Ora, però, scegliete di non cedere. Rifiutate tutti i soldi offerti, e gli appartamenti “in cambio” per sloggiare da lì. Resistete alle minacce. Alle intimidazioni. Al silenzio generale dei vicini. Delle istituzioni. E rilanciate con esposti, denunce a raffica in tribunale, più interviste sui giornali e televisioni nazionali mentre venite circondati tutto intorno da un casermone alto nove piani che non rispetta le distanze previste dalla legge.
Immaginate però che le denunce cadano nel vuoto, e il vostro negozio pian piano si svuoti. E vi indebitiate. Pesantemente. Anche con gli avvocati che sono pagati per dimostrare ciò che è autoevidente.
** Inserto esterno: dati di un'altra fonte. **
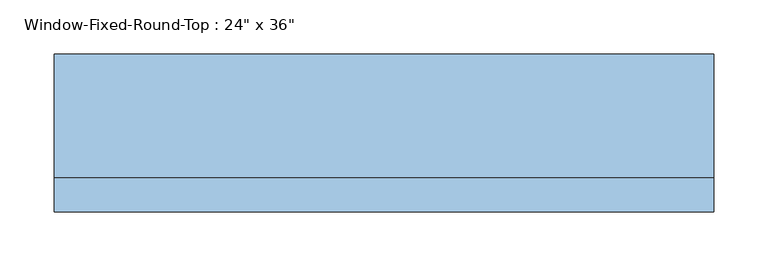
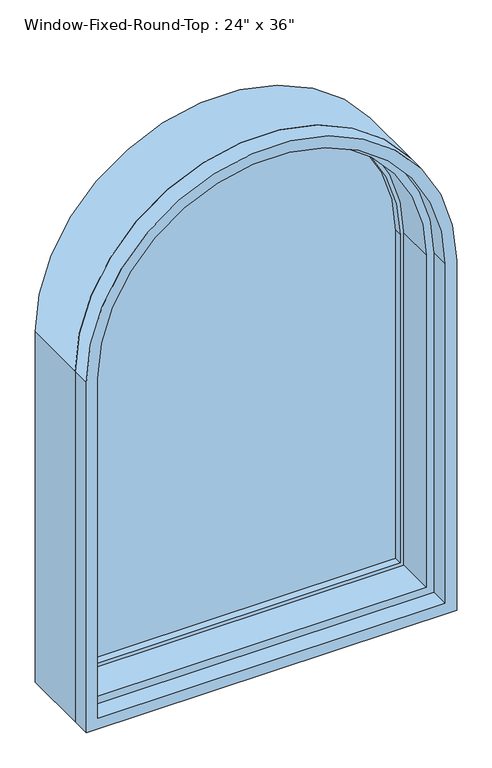
"""IFC4 building model written with IfcOpenShell, lengths in millimetres: window geometry."""

from ifc_helpers import new_model, si_unit, point, frame, frame_2d, origin, place, context, project, spatial, polyline, circle_curve, trimmed, segment, composite_curve, outline, extrude, source, transform, mapped, element, save
from ifc_brep_helpers import plane_surface, cylinder_surface, revolved_surface, advanced_brep


def window_d6aed77d(model_context):
    return source(origin(), model_context, "Body", "SolidModel", [
        advanced_brep(
        [(-273.05, 31.75, 1524.0), (-273.05, -31.75, 1524.0), (-273.05, -31.75, 946.15), (-273.05, 31.75, 946.15), (-292.1, 82.55, 1524.0), (-292.1, 31.75, 1524.0), (-292.1, 31.75, 927.1), (-292.1, 82.55, 927.1), (-304.8, -31.75, 1524.0), (-304.8, 82.55, 1524.0), (-304.8, 82.55, 914.4), (-304.8, -31.75, 914.4), (273.05, -31.75, 946.15), (273.05, 31.75, 946.15), (292.1, 31.75, 927.1), (292.1, 82.55, 927.1), (304.8, 82.55, 914.4), (304.8, -31.75, 914.4), (273.05, -31.75, 1524.0), (273.05, 31.75, 1524.0), (292.1, 31.75, 1524.0), (292.1, 82.55, 1524.0), (304.8, 82.55, 1524.0), (304.8, -31.75, 1524.0)],
        [
            (0, 1),
            (1, 2),
            (2, 3),
            (3, 0),
            (4, 5),
            (5, 6),
            (6, 7),
            (7, 4),
            (8, 9),
            (9, 10),
            (10, 11),
            (11, 8),
            (2, 12),
            (12, 13),
            (13, 3),
            (6, 14),
            (14, 15),
            (15, 7),
            (10, 16),
            (16, 17),
            (17, 11),
            (12, 18),
            (18, 19),
            (19, 13),
            (14, 20),
            (20, 21),
            (21, 15),
            (16, 22),
            (22, 23),
            (23, 17),
            (23, 8, circle_curve(frame((0.0, -31.75, 1524.0), z_axis=(0.0, -1.0, 0.0), x_axis=(1.0, 0.0, 0.0)), 304.8)),
            (1, 18, circle_curve(frame((0.0, -31.75, 1524.0), z_axis=(0.0, 1.0, 0.0), x_axis=(1.0, 0.0, 0.0)), 273.05)),
            (0, 19, circle_curve(frame((0.0, 31.75, 1524.0), z_axis=(0.0, 1.0, 0.0), x_axis=(1.0, 0.0, 0.0)), 273.05)),
            (5, 20, circle_curve(frame((0.0, 31.75, 1524.0), z_axis=(0.0, 1.0, 0.0), x_axis=(1.0, 0.0, 0.0)), 292.1)),
            (4, 21, circle_curve(frame((0.0, 82.55, 1524.0), z_axis=(0.0, 1.0, 0.0), x_axis=(1.0, 0.0, 0.0)), 292.1)),
            (9, 22, circle_curve(frame((0.0, 82.55, 1524.0), z_axis=(0.0, 1.0, 0.0), x_axis=(1.0, 0.0, 0.0)), 304.8)),
        ],
        [
            plane_surface(frame((-273.05, -31.75, 1524.0), z_axis=(1.0, 0.0, 0.0), x_axis=(0.0, 0.0, -1.0))),
            plane_surface(frame((-292.1, 31.75, 1524.0), z_axis=(1.0, 0.0, 0.0), x_axis=(0.0, 0.0, -1.0))),
            plane_surface(frame((-304.8, 82.55, 1524.0), z_axis=(-1.0, 0.0, 0.0), x_axis=(0.0, 0.0, -1.0))),
            plane_surface(frame((-273.05, -31.75, 946.15), z_axis=(0.0, 0.0, 1.0), x_axis=(1.0, 0.0, 0.0))),
            plane_surface(frame((-292.1, 31.75, 927.1), z_axis=(0.0, 0.0, 1.0), x_axis=(1.0, 0.0, 0.0))),
            plane_surface(frame((-304.8, 82.55, 914.4), z_axis=(0.0, 0.0, -1.0), x_axis=(1.0, 0.0, 0.0))),
            plane_surface(frame((273.05, -31.75, 946.15), z_axis=(-1.0, 0.0, 0.0), x_axis=(0.0, 0.0, 1.0))),
            plane_surface(frame((292.1, 31.75, 927.1), z_axis=(-1.0, 0.0, 0.0), x_axis=(0.0, 0.0, 1.0))),
            plane_surface(frame((304.8, 82.55, 914.4), z_axis=(1.0, 0.0, 0.0), x_axis=(0.0, 0.0, 1.0))),
            plane_surface(frame((0.0, -31.75, 1524.0), z_axis=(0.0, -1.0, 0.0), x_axis=(1.0, 0.0, 0.0))),
            revolved_surface(polyline([(273.05, -31.75, 1524.0), (273.05, 31.75, 1524.0)]), (0.0, 76.2, 1524.0), (0.0, -1.0, 0.0)),
            plane_surface(frame((0.0, 31.75, 1524.0), z_axis=(0.0, 1.0, 0.0), x_axis=(1.0, 0.0, 0.0))),
            revolved_surface(polyline([(292.1, 31.75, 1524.0), (292.1, 82.55, 1524.0)]), (0.0, 76.2, 1524.0), (0.0, -1.0, 0.0)),
            plane_surface(frame((0.0, 82.55, 1524.0), z_axis=(0.0, 1.0, 0.0), x_axis=(1.0, 0.0, 0.0))),
            cylinder_surface(frame((0.0, 76.2, 1524.0), z_axis=(0.0, -1.0, 0.0), x_axis=(1.0, 0.0, 0.0)), 304.8),
        ],
        [
            (0, [[1, 2, 3, 4]]),
            (1, [[5, 6, 7, 8]]),
            (2, [[9, 10, 11, 12]]),
            (3, [[-3, 13, 14, 15]]),
            (4, [[-7, 16, 17, 18]]),
            (5, [[-11, 19, 20, 21]]),
            (6, [[-14, 22, 23, 24]]),
            (7, [[-17, 25, 26, 27]]),
            (8, [[-20, 28, 29, 30]]),
            (9, [[-21, -30, 31, -12], [32, -22, -13, -2]]),
            (10, [[33, -23, -32, -1]]),
            (11, [[34, -25, -16, -6], [-15, -24, -33, -4]]),
            (12, [[35, -26, -34, -5]]),
            (13, [[36, -28, -19, -10], [-18, -27, -35, -8]]),
            (14, [[-31, -29, -36, -9]]),
        ],
    ),
        extrude(outline(composite_curve([segment(trimmed(circle_curve(frame_2d((1524.0, 0.0)), 304.8), [point((1524.0, 304.8))], [point((1524.0, -304.8))], False, "CARTESIAN"), True, "CONTINUOUS"), segment(polyline([(1524.0, -304.8), (914.4, -304.8), (914.4, 304.8), (1524.0, 304.8)]), True, "CONTINUOUS")], self_intersect=False), holes=[composite_curve([segment(polyline([(1524.0, 285.75), (933.45, 285.75), (933.45, -285.75), (1524.0, -285.75)]), True, "CONTINUOUS"), segment(trimmed(circle_curve(frame_2d((1524.0, 0.0)), 285.75), [point((1524.0, -285.75))], [point((1524.0, 285.75))], True, "CARTESIAN"), True, "CONTINUOUS")], self_intersect=False)]), frame((0.0, -63.5, 0.0), z_axis=(0.0, 1.0, 0.0), x_axis=(0.0, 0.0, 1.0)), (0.0, 0.0, 1.0), 31.75),
        extrude(outline(composite_curve([segment(polyline([(927.1, 292.1), (1524.0, 292.1)]), True, "CONTINUOUS"), segment(trimmed(circle_curve(frame_2d((1524.0, 0.0)), 292.1), [point((1524.0, 292.1))], [point((1524.0, -292.1))], False, "CARTESIAN"), True, "CONTINUOUS"), segment(polyline([(1524.0, -292.1), (927.1, -292.1), (927.1, 292.1)]), True, "CONTINUOUS")], self_intersect=False), holes=[composite_curve([segment(polyline([(952.5, -266.7), (1524.0, -266.7)]), True, "CONTINUOUS"), segment(trimmed(circle_curve(frame_2d((1524.0, 0.0)), 266.7), [point((1524.0, -266.7))], [point((1524.0, 266.7))], True, "CARTESIAN"), True, "CONTINUOUS"), segment(polyline([(1524.0, 266.7), (952.5, 266.7), (952.5, -266.7)]), True, "CONTINUOUS")], self_intersect=False)]), frame((0.0, 31.75, 0.0), z_axis=(0.0, 1.0, 0.0), x_axis=(0.0, 0.0, 1.0)), (0.0, 0.0, 1.0), 31.75),
        extrude(outline(composite_curve([segment(trimmed(circle_curve(frame_2d((1524.0, 0.0)), 266.7), [point((1524.0, 266.7))], [point((1524.0, -266.7))], False, "CARTESIAN"), True, "CONTINUOUS"), segment(polyline([(1524.0, -266.7), (952.5, -266.7), (952.5, 266.7), (1524.0, 266.7)]), True, "CONTINUOUS")], self_intersect=False)), frame((0.0, 57.15, 0.0), z_axis=(0.0, 1.0, 0.0), x_axis=(0.0, 0.0, 1.0)), (0.0, 0.0, 1.0), 6.35),
        extrude(outline(composite_curve([segment(trimmed(circle_curve(frame_2d((1524.0, 0.0)), 266.7), [point((1524.0, 266.7))], [point((1524.0, -266.7))], False, "CARTESIAN"), True, "CONTINUOUS"), segment(polyline([(1524.0, -266.7), (952.5, -266.7), (952.5, 266.7), (1524.0, 266.7)]), True, "CONTINUOUS")], self_intersect=False)), frame((0.0, 44.45, 0.0), z_axis=(0.0, 1.0, 0.0), x_axis=(0.0, 0.0, 1.0)), (0.0, 0.0, 1.0), 6.35),
        extrude(outline(composite_curve([segment(polyline([(1524.0, -292.1), (927.1, -292.1), (927.1, 292.1), (1524.0, 292.1)]), True, "CONTINUOUS"), segment(trimmed(circle_curve(frame_2d((1524.0, 0.0)), 292.1), [point((1524.0, 292.1))], [point((1524.0, -292.1))], False, "CARTESIAN"), True, "CONTINUOUS")], self_intersect=False), holes=[composite_curve([segment(polyline([(1524.0, 266.7), (952.5, 266.7), (952.5, -266.7), (1524.0, -266.7)]), True, "CONTINUOUS"), segment(trimmed(circle_curve(frame_2d((1524.0, 0.0)), 266.7), [point((1524.0, -266.7))], [point((1524.0, 266.7))], True, "CARTESIAN"), True, "CONTINUOUS")], self_intersect=False)]), frame((0.0, 63.5, 0.0), z_axis=(0.0, 1.0, 0.0), x_axis=(0.0, 0.0, 1.0)), (0.0, 0.0, 1.0), 12.7),
    ])


if __name__ == "__main__":
    model = new_model("IFC4")
    model_context = context("Model", 3, world=origin())
    ifc_project = project(units=[si_unit("LENGTHUNIT", "METRE", prefix="MILLI")], contexts=[model_context])
    site = spatial("IfcSite", under=ifc_project)
    building = spatial("IfcBuilding", under=site)
    placement = place(None, origin())
    window_shape = window_d6aed77d(model_context)
    element("IfcWindow", 1, ObjectType="Window-Fixed-Round-Top : 24\" x 36\"", at=placement, inside=building, context=model_context, shape_type="MappedRepresentation", body=[
        mapped(window_shape, transform((0.0, 0.0, 0.0), x_axis=(1.0, 0.0, 0.0), y_axis=(0.0, 1.0, 0.0), z_axis=(0.0, 0.0, 1.0))),
    ])
    save(model, "model.ifc")

# Revit data of these elements
# Type "Window-Fixed-Round-Top : 24\" x 36\""
#   Type Mark = "31"
#   Fire Rating = "0.5h"
#   Assembly Code = "B2020100"
#   Analytic Construction = "Double glazing - domestic"
#   Window Inset [instance default] = 0' - 0"
#   Wall Thickness [instance default] = 0' - 6"
#   Visual Light Transmittance = 0.81
#   Thermal Resistance (R) = 1.8146 (h·ft²·°F)/BTU
#   Solar Heat Gain Coefficient = 0.76
#   Rough Width = 2' - 0 1/2"
#   Rough Height = 3' - 0 1/2"
#   Interior Wall Closure [instance default] = 0' - 2 1/4"
#   Height = 3' - 0"
#   Heat Transfer Coefficient (U) = 0.5511 BTU/(h·ft²·°F)
#   Frame Extension [instance default] = 0' - 0 1/4"
#   Exterior Wall Closure [instance default] = 0' - 1 1/4"
#   Extension Jamb [instance default] = 0' - 2 1/4"
#   Default Sill Height = 3' - 0"
#   Width = 2' - 0"
#   Interior Trim Visibility [instance default] = yes
#   Exterior Trim Visibility [instance default] = yes
#   Extension Jamb Visibility [instance default] = yes
#   Interior Trim Material = Wood - Stained
#   Interior Trim = Trim-Window-Interior-Flat-Arch-Top-Tree_Centered : Picture Frame
#   Interior Frame Material = Wood - Stained
#   Glass Panel Material = Glass
#   Exterior Trim Material = Clad - White
#   Exterior Trim = Trim-Window-Exterior-Flat-Arch-Top-Tree_Centered : with Sill
#   Exterior Frame Material = Clad - White
#   Wall Closure = (empty or 0)
# Element 1 (IfcWindow, "Window-Fixed-Round-Top : 24\" x 36\"")
#   Wall Thickness = 0' - 5"
#   Extension Jamb = 0' - 1 1/4"
#   Materials on its faces: "Wood - Stained", "Clad - White", "Glass"
# Materials
#   "Wood - Stained": class "Wood", colour RGB 224 178 126, transparency 0, Cost = 0
#   "Glass": class "Glass", colour RGB 0 128 192, transparency 0.75, Description = "Soda Lime Glass", Cost = 0
#   "Clad - White": class "Wood", colour RGB 242 242 238, transparency 0, Cost = 0

Immaginate, infine, che quando, trent’anni dopo, lo Stato finalmente vi riconosce vittime di mafia, non potete riscuotere settecentottantamila euro di risarcimento che vi spettano perché nel frattempo al costruttore, condannato per associazione mafiosa, è stato pignorato tutto. Anche se la sua società continua a vendere gli appartamenti a prezzi da saldo. Finito qua? Macchè! Ora dovete pagare il tre per cento di questi soldi che non avete mai avuto all’Agenzia delle entrate. Più tutti gli avvocati. Mentre la casa, danneggiata dalle ruspe, è irrimediabilmente pericolante e danneggiata.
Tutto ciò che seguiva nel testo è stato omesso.